Journal of Instruction-Level Parallelism 2011
vol 13, pp. 1--28, March, 2011
Loads that miss in L1 or L2 caches, and are waiting for their data at the head of the ROB, cause significant slow down in the form of commit stalls. We identify that most of these commit stalls are caused by a small set of loads, referred to as LIMCOS (Loads IncurringMajority of COmmit Stalls). We propose simple history-based classifiers that track commit stalls suffered by loads to help us identify this small set of loads. In this paper we study two prefetching enhancements enabled by classifiers.
In the first enhancement, the classifiers are used to train the prefetcher to focus on the misses suffered by LIMCOS. This, referred to as focused prefetching, results in a 9.8% gain in IPC over naive GHB based delta correlation prefetcher along with a 20.3% reduction in memory traffic for a set of 17 memory-intensive SPEC2000 benchmarks. Another important impact of focused prefetching is a 61% improvement in the accuracy of prefetches.
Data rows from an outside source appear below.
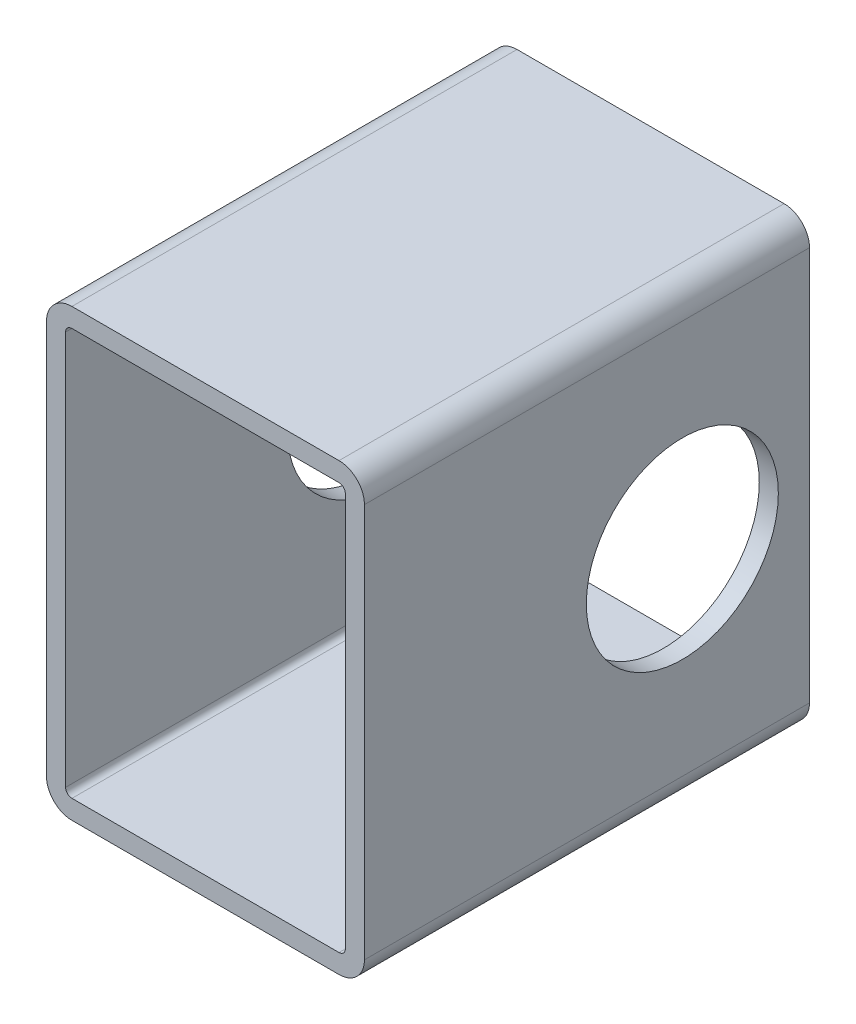
SolidWorks part; units mm, degrees
material "AISI 1045 钢，冷拔"
ref_plane "Front Plane" through (0, 0, 0) normal (0, 0, 1) x (1, 0, 0)
ref_plane "Top Plane" through (0, 0, 0) normal (0, 1, 0) x (1, 0, 0)
ref_plane "Right Plane" through (0, 0, 0) normal (1, 0, 0) x (0, 0, -1)
sketch "Sketch1" plane through (0, 0, 0) normal (0, 0, 1) x (1, 0, 0)
  line L1 (-21, -35) -> (21, -35)
  line L2 (-25, -31) -> (-25, 31)
  line L3 (-21, 35) -> (21, 35)
  line L4 (25, -31) -> (25, 31)
  line L5 (-25, -35) -> (25, 35) construction
  line L6 (-25, 35) -> (25, -35) construction
  arc A0 (-21, -35) -> (-25, -31) centre (-21, -31) cw
  arc A1 (21, -35) -> (25, -31) centre (21, -31) ccw
  arc A2 (21, 35) -> (25, 31) centre (21, 31) cw
  arc A3 (-25, 31) -> (-21, 35) centre (-21, 31) cw
  point P0 (0, 0)
  dimension "D3" = 4
  dimension "D1" = 50
  dimension "D2" = 70
extrude "Extrude-Thin1" add sketch "Sketch1" along normal blind 70 thin thin type one direction reverse wall 3
sketch "Sketch2" plane through (25, 0, 0) normal (1, 0, 0) x (0, 0, -1)
  line L0 (0, -31) -> (0, 31) construction
  line L1 (-70, 35) -> (0, 35) construction
  circle A0 centre (-20, 0) radius 15.1
  dimension "D1" = 30.2
  dimension "D2" = 20
  dimension "D3" = 35
extrude "Cut-Extrude1" cut sketch "Sketch2" against normal through all
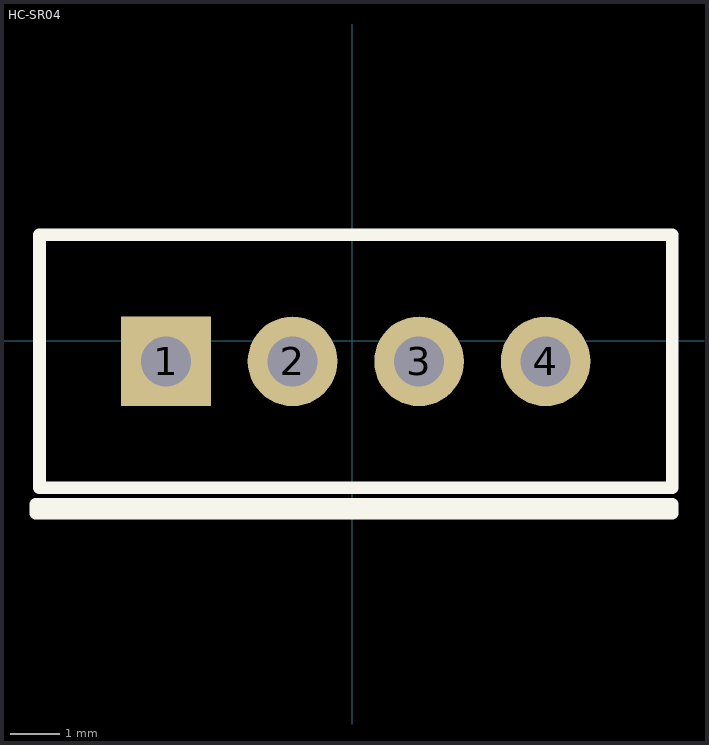
[diagram p0: the footprint, top view; thin cyan lines are the x and y axes]
# Altium footprint library MISC84237-11.PcbLib: 1 footprints
Each footprint in its own frame and in the unit in brackets; x right, y up, seen from the top. Pads: shape width x height; smd on the part's side, far side on the other; paste and mask are expansions set on the pad; w line width, h text height; cw(c..) or ccw(c..) is an arc to the next point about the centre after c.

## HC-SR04 [mm]
pads (4):
  rect 1.8x1.8 hole 1 paste+0 mask+0.102: 1(-3.742,-0.411)
  round 1.8 hole 1 paste+0 mask+0.102: 2(-1.202,-0.411) 3(1.338,-0.411) 4(3.878,-0.411)
Top Overlay:
  lines w0.254: -6.356,-3.459 -6.356,-3.286 6.418,-3.286 6.418,-3.459 -6.356,-3.459 ; -6.282,-2.951 -6.282,2.129 6.418,2.129 6.418,-2.951 -6.282,-2.951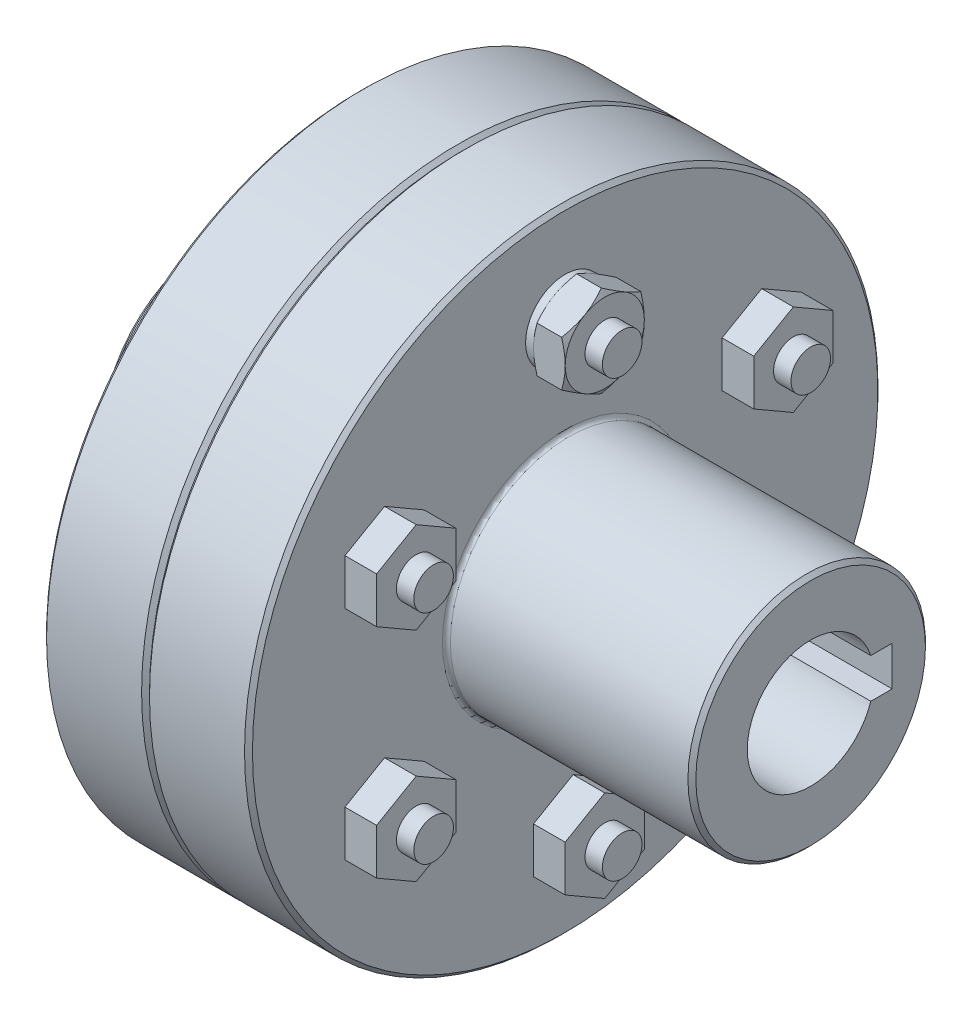
from build123d import *

# Parameters (mm, degrees)
CHAMFER_1_SIZE                       = 0.5
CHAMFER_2_SIZE                       = 0.5
FILLET_1_R                           = 1
CUT_EXTRUDE_5_DEPTH                  = 65.505813691
CUT_EXTRUDE_5_DEPTH_BACK             = 65.505813691
SKETCH_15_R                          = 6
CUT_EXTRUDE_7_DEPTH                  = 65.505813691
CUT_EXTRUDE_7_DEPTH_BACK             = 65.505813691
SKETCH_16_R                          = 8
CUT_EXTRUDE_6_DEPTH                  = 72.665891469
CUT_EXTRUDE_10_DEPTH                 = 72.665891469
CHAMFER_3_SIZE                       = 0.5
CHAMFER_4_SIZE                       = 0.5
FILLET_2_R                           = 0.5
SKETCH_6_R                           = 2.5
CUT_EXTRUDE_1_DEPTH                  = 26
CHAMFER_5_SIZE                       = 0.2
CHAMFER_6_SIZE                       = 0.2
PATTERN_CIRCULAR_1_COUNT             = 6
CHAMFER_5_OF_PATTERN_CIRCULAR_1_SIZE = 0.2
CHAMFER_6_OF_PATTERN_CIRCULAR_1_SIZE = 0.2
SKETCH_7_W                           = 33.2
SKETCH_7_H                           = 2.5
EXTRUDE_1_DEPTH                      = 4
SKETCH_9_R                           = 7.5
SKETCH_9_R_2                         = 5
CUT_EXTRUDE_2_DEPTH                  = 1
CUT_EXTRUDE_2_DRAFT                  = -60
SKETCH_10_R                          = 5
EXTRUDE_2_DEPTH                      = 1
EXTRUDE_3_DEPTH                      = 4
SKETCH_12_R                          = 7.5
SKETCH_12_R_2                        = 5
CUT_EXTRUDE_3_DEPTH                  = 1
CUT_EXTRUDE_3_DRAFT                  = -60
SKETCH_13_R                          = 7.5
SKETCH_13_R_2                        = 5
CUT_EXTRUDE_4_DEPTH                  = 1
CUT_EXTRUDE_4_DRAFT                  = -60
PATTERN_CIRCULAR_2_COUNT             = 6
CUT_EXTRUDE_15_REACH                 = 95.941
SKETCH_29_R                          = 7


with BuildPart() as part:
    # 草图2 → 旋转1 (revolve)
    with BuildSketch(Plane.XY, mode=Mode.PRIVATE) as revolve_1_sk:
        Polygon((-31, 15), (-31, 0), (1, 0), (1, 15), (0, 15), (0, 40), (-13, 40), (-13, 15), align=None)
    revolve(revolve_1_sk.sketch.rotate(Axis((-31, 0, 0), (1, 0, 0)), 90), axis=Axis((-31, 0, 0), (1, 0, 0)))

    # 倒角1
    chamfer_1_edges = [part.edges().sort_by_distance(p)[0] for p in [
        (-31, 0, -15),
    ]]
    chamfer(chamfer_1_edges, length=CHAMFER_1_SIZE)

    # 倒角2
    chamfer_2_edges = [part.edges().sort_by_distance(p)[0] for p in [
        (-13, 0, -40),
        (0, 0, -40),
    ]]
    chamfer(chamfer_2_edges, length=CHAMFER_2_SIZE)

    # 圆角1
    fillet_1_edges = [part.edges().sort_by_distance(p)[0] for p in [
        (-13, 0, -15),
    ]]
    fillet(fillet_1_edges, radius=FILLET_1_R)

    # 草图15 → 切除-拉伸5 (cut, two sides: drawn at the far end of the back side and taken through both)
    with BuildSketch(Plane(origin=(0, 0, 0), x_dir=(0, 0, -1), z_dir=(1, 0, 0)).offset(-CUT_EXTRUDE_5_DEPTH_BACK)):
        Circle(SKETCH_15_R)
    extrude(amount=CUT_EXTRUDE_5_DEPTH + CUT_EXTRUDE_5_DEPTH_BACK, mode=Mode.SUBTRACT)

    # 草图20 → 切除-拉伸7 (cut, two sides: drawn at the far end of the back side and taken through both)
    with BuildSketch(Plane(origin=(0, 0, 0), x_dir=(0, 0, -1), z_dir=(1, 0, 0)).offset(-CUT_EXTRUDE_7_DEPTH_BACK)):
        with BuildLine():
            Line((7.8, -2), (7.8, 2))
            Line((7.8, 2), (5.656854249, 2))
            ThreePointArc((5.656854249, 2), (5.913591358, 1.014611872), (6, 0))
            ThreePointArc((6, 0), (5.913591358, -1.014611872), (5.656854249, -2))
            Line((5.656854249, -2), (7.8, -2))
        make_face()
    extrude(amount=CUT_EXTRUDE_7_DEPTH + CUT_EXTRUDE_7_DEPTH_BACK, mode=Mode.SUBTRACT)


with BuildPart() as body_2:
    # 草图3 → 旋转2 (revolve)
    with BuildSketch(Plane.XY, mode=Mode.PRIVATE) as revolve_2_sk:
        Polygon((13, 40), (0, 40), (0, 15), (2, 15), (2, 0), (44, 0), (44, 8), (44, 15), (13, 15), align=None)
    revolve(revolve_2_sk.sketch.rotate(Axis((-31, 0, 0), (1, 0, 0)), 270), axis=Axis((-31, 0, 0), (1, 0, 0)))

    # 草图16 → 切除-拉伸6 (cut, through all)
    with BuildSketch(Plane(origin=(0, 0, 0), x_dir=(0, 0, -1), z_dir=(1, 0, 0))):
        Circle(SKETCH_16_R)
    extrude(amount=CUT_EXTRUDE_6_DEPTH, mode=Mode.SUBTRACT)

    # 草图24 → 切除-拉伸10 (cut, through all)
    with BuildSketch(Plane(origin=(0, 0, 0), x_dir=(0, 0, -1), z_dir=(1, 0, 0))):
        with BuildLine():
            Line((10.3, -2.5), (10.3, 2.5))
            Line((10.3, 2.5), (7.599342077, 2.5))
            ThreePointArc((7.599342077, 2.5), (7.899200485, 1.265950905), (8, 0))
            ThreePointArc((8, 0), (7.899200485, -1.265950905), (7.599342077, -2.5))
            Line((7.599342077, -2.5), (10.3, -2.5))
        make_face()
    extrude(amount=CUT_EXTRUDE_10_DEPTH, mode=Mode.SUBTRACT)

    # 倒角3
    chamfer_3_edges = [body_2.edges().sort_by_distance(p)[0] for p in [
        (13, 0, 40),
        (0, 0, 40),
    ]]
    chamfer(chamfer_3_edges, length=CHAMFER_3_SIZE)

    # 倒角4
    chamfer_4_edges = [body_2.edges().sort_by_distance(p)[0] for p in [
        (44, 0, 15),
    ]]
    chamfer(chamfer_4_edges, length=CHAMFER_4_SIZE)

    # 圆角2
    fillet_2_edges = [body_2.edges().sort_by_distance(p)[0] for p in [
        (13, 0, 15),
    ]]
    fillet(fillet_2_edges, radius=FILLET_2_R)


with BuildPart() as cut_extrude_1_tool:
    # 草图6 → 切除-拉伸1 (new body)
    with BuildSketch(Plane.ZY.offset(13)):
        with Locations((0, 27.5)):
            Circle(SKETCH_6_R)
    cut_extrude_1 = extrude(amount=-CUT_EXTRUDE_1_DEPTH)


with BuildPart() as part_1:
    add(part.part)

    # 切除-拉伸1: cut by cut_extrude_1_tool
    add(cut_extrude_1_tool.part, mode=Mode.SUBTRACT)

    # 倒角5
    chamfer_5_edges = [part_1.edges().sort_by_distance(p)[0] for p in [
        (-13, 27.5, -2.5),
    ]]
    chamfer(chamfer_5_edges, length=CHAMFER_5_SIZE)


with BuildPart() as body_2_1:
    add(body_2.part)

    # 切除-拉伸1: cut by cut_extrude_1_tool
    add(cut_extrude_1_tool.part, mode=Mode.SUBTRACT)

    # 倒角6
    chamfer_6_edges = [body_2_1.edges().sort_by_distance(p)[0] for p in [
        (13, 27.5, -2.5),
    ]]
    chamfer(chamfer_6_edges, length=CHAMFER_6_SIZE)


with BuildPart() as pattern_circular_1_tool:
    # 阵列(圆周)1: 切除-拉伸1 ×6 about axis
    pattern_circular_1_axis = Axis((0, 0, 0), (1, 0, 0))
    for i in range(1, PATTERN_CIRCULAR_1_COUNT):
        add(cut_extrude_1.rotate(pattern_circular_1_axis, i * 360 / PATTERN_CIRCULAR_1_COUNT))


with BuildPart() as part_2:
    add(part_1.part)

    # 阵列(圆周)1: cut by pattern_circular_1_tool
    add(pattern_circular_1_tool.part, mode=Mode.SUBTRACT)

    # 倒角5 of 阵列(圆周)1
    chamfer_5_of_pattern_circular_1_edges = [part_2.edges().sort_by_distance(p)[0] for p in [
        (-13, 15.915063509, 22.565698604),
        (-13, -11.584936491, 25.065698604),
        (-13, -27.5, 2.5),
        (-13, -15.915063509, -22.565698604),
        (-13, 11.584936491, -25.065698604),
    ]]
    chamfer(chamfer_5_of_pattern_circular_1_edges, length=CHAMFER_5_OF_PATTERN_CIRCULAR_1_SIZE)



with BuildPart() as body_2_2:
    add(body_2_1.part)

    # 阵列(圆周)1: cut by pattern_circular_1_tool
    add(pattern_circular_1_tool.part, mode=Mode.SUBTRACT)

    # 倒角6 of 阵列(圆周)1
    chamfer_6_of_pattern_circular_1_edges = [body_2_2.edges().sort_by_distance(p)[0] for p in [
        (13, 15.915063509, 22.565698604),
        (13, -11.584936491, 25.065698604),
        (13, -27.5, 2.5),
        (13, -15.915063509, -22.565698604),
        (13, 11.584936491, -25.065698604),
    ]]
    chamfer(chamfer_6_of_pattern_circular_1_edges, length=CHAMFER_6_OF_PATTERN_CIRCULAR_1_SIZE)


with BuildPart() as part_3:
    add(part_2.part)

    add(body_2_2.part)  # 旋转3 merges body 2
    # 草图7 → 旋转3 (revolve)
    with BuildSketch(Plane.XY, mode=Mode.PRIVATE) as revolve_3_sk:
        with Locations((3.6, 28.75)):
            Rectangle(SKETCH_7_W, SKETCH_7_H)
    revolve_3 = revolve(revolve_3_sk.sketch.rotate(Axis((20.2, 27.5, 0), (-1, 0, 0)), 90), axis=Axis((20.2, 27.5, 0), (-1, 0, 0)))

    # 草图8 → 凸台-拉伸1 (add)
    with BuildSketch(Plane.ZY.offset(13)):
        Polygon((0, 33.273502692), (-5, 30.386751346), (-5, 24.613248654), (0, 21.726497308), (5, 24.613248654), (5, 30.386751346), align=None)
    extrude_1 = extrude(amount=EXTRUDE_1_DEPTH)


with BuildPart() as cut_extrude_2_tool:
    # 草图9 → 切除-拉伸2 (with draft: the straight prism first)
    with BuildSketch(Plane.ZY.offset(17)):
        with Locations((0, 27.5)):
            Circle(SKETCH_9_R)
        with Locations((0, 27.5)):
            Circle(SKETCH_9_R_2, mode=Mode.SUBTRACT)
    extrude(amount=-CUT_EXTRUDE_2_DEPTH)
    # 切除-拉伸2: the draft: its side faces are tilted about the plane it starts from
    cut_extrude_2_sides = [cut_extrude_2_tool.faces().sort_by_distance(p)[0] for p in [
        (-16.5, 27.5, -7.5),
        (-16.5, 27.5, -5),
    ]]
    draft(cut_extrude_2_sides, Plane.ZY.offset(17), CUT_EXTRUDE_2_DRAFT)


with BuildPart() as part_4:
    add(part_3.part)

    # 切除-拉伸2: cut by cut_extrude_2_tool
    add(cut_extrude_2_tool.part, mode=Mode.SUBTRACT)

    # 草图10 → 凸台-拉伸2 (add)
    with BuildSketch(Plane(origin=(13, 0, 0), x_dir=(0, 0, -1), z_dir=(1, 0, 0))):
        with Locations(Location((0, 27.5, 0), (0, 0, 180))):
            Circle(SKETCH_10_R)
    extrude(amount=EXTRUDE_2_DEPTH)

    # 草图11 → 凸台-拉伸3 (add)
    with BuildSketch(Plane(origin=(14, 0, 0), x_dir=(0, 0, -1), z_dir=(1, 0, 0))):
        Polygon((5, 30.386751346), (0, 33.273502692), (-5, 30.386751346), (-5, 24.613248654), (0, 21.726497308), (5, 24.613248654), align=None)
    extrude_3 = extrude(amount=EXTRUDE_3_DEPTH)


with BuildPart() as cut_extrude_3_tool:
    # 草图12 → 切除-拉伸3 (with draft: the straight prism first)
    with BuildSketch(Plane(origin=(18, 0, 0), x_dir=(0, 0, -1), z_dir=(1, 0, 0))):
        with Locations((0, 27.5)):
            Circle(SKETCH_12_R)
        with Locations(Location((0, 27.5, 0), (0, 0, 180))):
            Circle(SKETCH_12_R_2, mode=Mode.SUBTRACT)
    extrude(amount=-CUT_EXTRUDE_3_DEPTH)
    # 切除-拉伸3: the draft: its side faces are tilted about the plane it starts from
    cut_extrude_3_sides = [cut_extrude_3_tool.faces().sort_by_distance(p)[0] for p in [
        (17.5, 27.5, 7.5),
        (17.5, 27.5, -5),
    ]]
    draft(cut_extrude_3_sides, Plane(origin=(18, 0, 0), x_dir=(0, 0, -1), z_dir=(1, 0, 0)), CUT_EXTRUDE_3_DRAFT)


with BuildPart() as part_5:
    add(part_4.part)

    # 切除-拉伸3: cut by cut_extrude_3_tool
    add(cut_extrude_3_tool.part, mode=Mode.SUBTRACT)


with BuildPart() as cut_extrude_4_tool:
    # 草图13 → 切除-拉伸4 (with draft: the straight prism first)
    with BuildSketch(Plane.ZY.offset(-14)):
        with Locations((0, 27.5)):
            Circle(SKETCH_13_R)
        with Locations((0, 27.5)):
            Circle(SKETCH_13_R_2, mode=Mode.SUBTRACT)
    extrude(amount=-CUT_EXTRUDE_4_DEPTH)
    # 切除-拉伸4: the draft: its side faces are tilted about the plane it starts from
    cut_extrude_4_sides = [cut_extrude_4_tool.faces().sort_by_distance(p)[0] for p in [
        (14.5, 27.5, -7.5),
        (14.5, 27.5, -5),
    ]]
    draft(cut_extrude_4_sides, Plane.ZY.offset(-14), CUT_EXTRUDE_4_DRAFT)


with BuildPart() as part_6:
    add(part_5.part)

    # 切除-拉伸4: cut by cut_extrude_4_tool
    add(cut_extrude_4_tool.part, mode=Mode.SUBTRACT)

    # 阵列(圆周)2: 旋转3, 凸台-拉伸1, 凸台-拉伸3 ×6 about axis
    pattern_circular_2_axis = Axis((0, 0, 0), (1, 0, 0))
    add([revolve_3.rotate(pattern_circular_2_axis, i * 360 / PATTERN_CIRCULAR_2_COUNT) for i in range(1, PATTERN_CIRCULAR_2_COUNT)])
    add([extrude_1.rotate(pattern_circular_2_axis, i * 360 / PATTERN_CIRCULAR_2_COUNT) for i in range(1, PATTERN_CIRCULAR_2_COUNT)])
    add([extrude_3.rotate(pattern_circular_2_axis, i * 360 / PATTERN_CIRCULAR_2_COUNT) for i in range(1, PATTERN_CIRCULAR_2_COUNT)])

    # 草图29 → 切除-拉伸15 (cut, up to next)
    with BuildSketch(Plane.ZY.offset(31), mode=Mode.PRIVATE) as cut_extrude_15_sk1:
        Circle(SKETCH_29_R)
    cut_extrude_15_tool1 = extrude(cut_extrude_15_sk1.sketch, amount=-CUT_EXTRUDE_15_REACH, mode=Mode.PRIVATE) & part_6.part
    add(cut_extrude_15_tool1.solids().sort_by_distance((-31, 0, 0))[0], mode=Mode.SUBTRACT)


solid = part_6.part
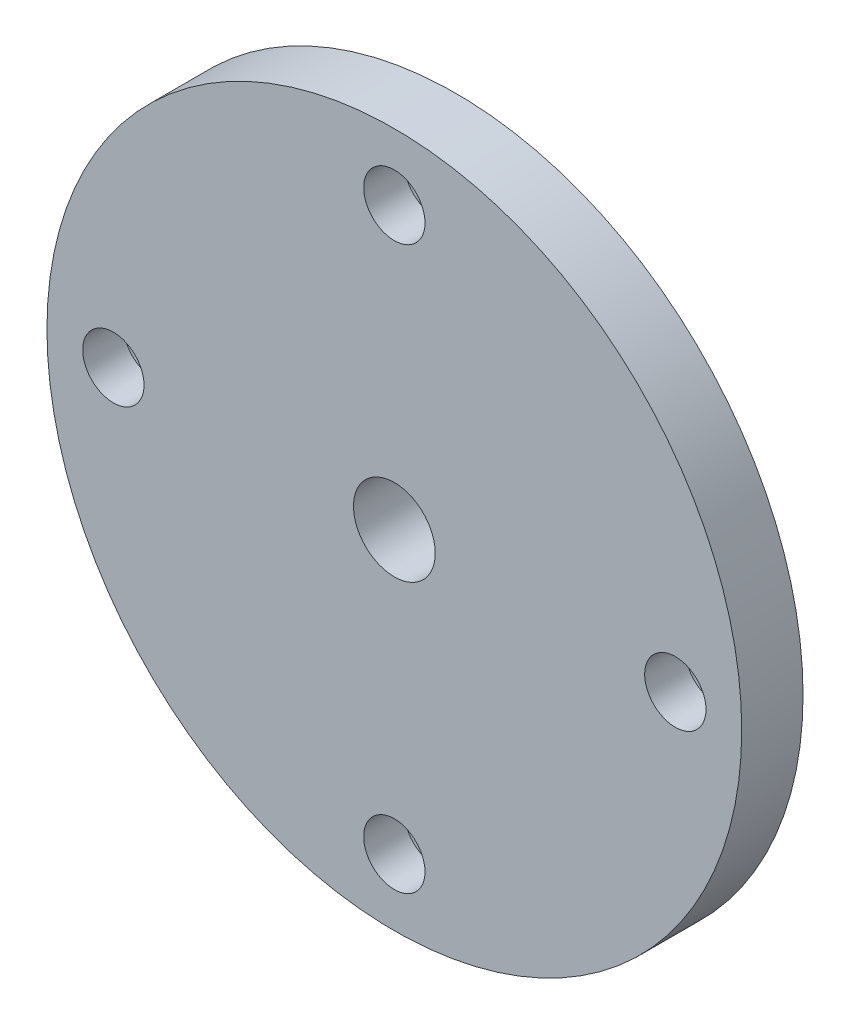
from build123d import *

# Parameters (mm, degrees)
SKETCH1_R           = 34
BOSS_EXTRUDE1_DEPTH = 6
SKETCH2_R           = 3
CUT_EXTRUDE1_DEPTH  = 4
SKETCH3_R           = 4
CUT_EXTRUDE2_DEPTH  = 49.456165758


with BuildPart() as part:
    # Sketch1 → Boss-Extrude1 (new body)
    with BuildSketch(Plane.XY):
        Circle(SKETCH1_R)
    extrude(amount=BOSS_EXTRUDE1_DEPTH)

    # Sketch2 → Cut-Extrude1 (cut)
    with BuildSketch(Plane.XY.offset(6)):
        with Locations((0, 27.5)):
            Circle(SKETCH2_R)
        with Locations((27.5, 0)):
            Circle(SKETCH2_R)
        with Locations((0, -27.5)):
            Circle(SKETCH2_R)
        with Locations((-27.5, 0)):
            Circle(SKETCH2_R)
    extrude(amount=-CUT_EXTRUDE1_DEPTH, mode=Mode.SUBTRACT)

    # Sketch3 → Cut-Extrude2 (cut, through all)
    with BuildSketch(Plane.XY.offset(6)):
        Circle(SKETCH3_R)
    extrude(amount=-CUT_EXTRUDE2_DEPTH, mode=Mode.SUBTRACT)


solid = part.part

We demonstrate that the proposed classification criterion performs better than other existing criteria like criticality and delinquent loads Also we show that the criterion of focusing on commit stalls is robust enough across cache levels and can be applied to any prefetcher without any modifications to the prefetcher. We also demonstrate the positive impact that Focused Prefetching has in a multi-core scenario. In the case of global history based prefetchers, we demonstrate not only the applicability of focused prefetching, but also the second enhancement based on classifiers – filtering of prefetches once they are generated.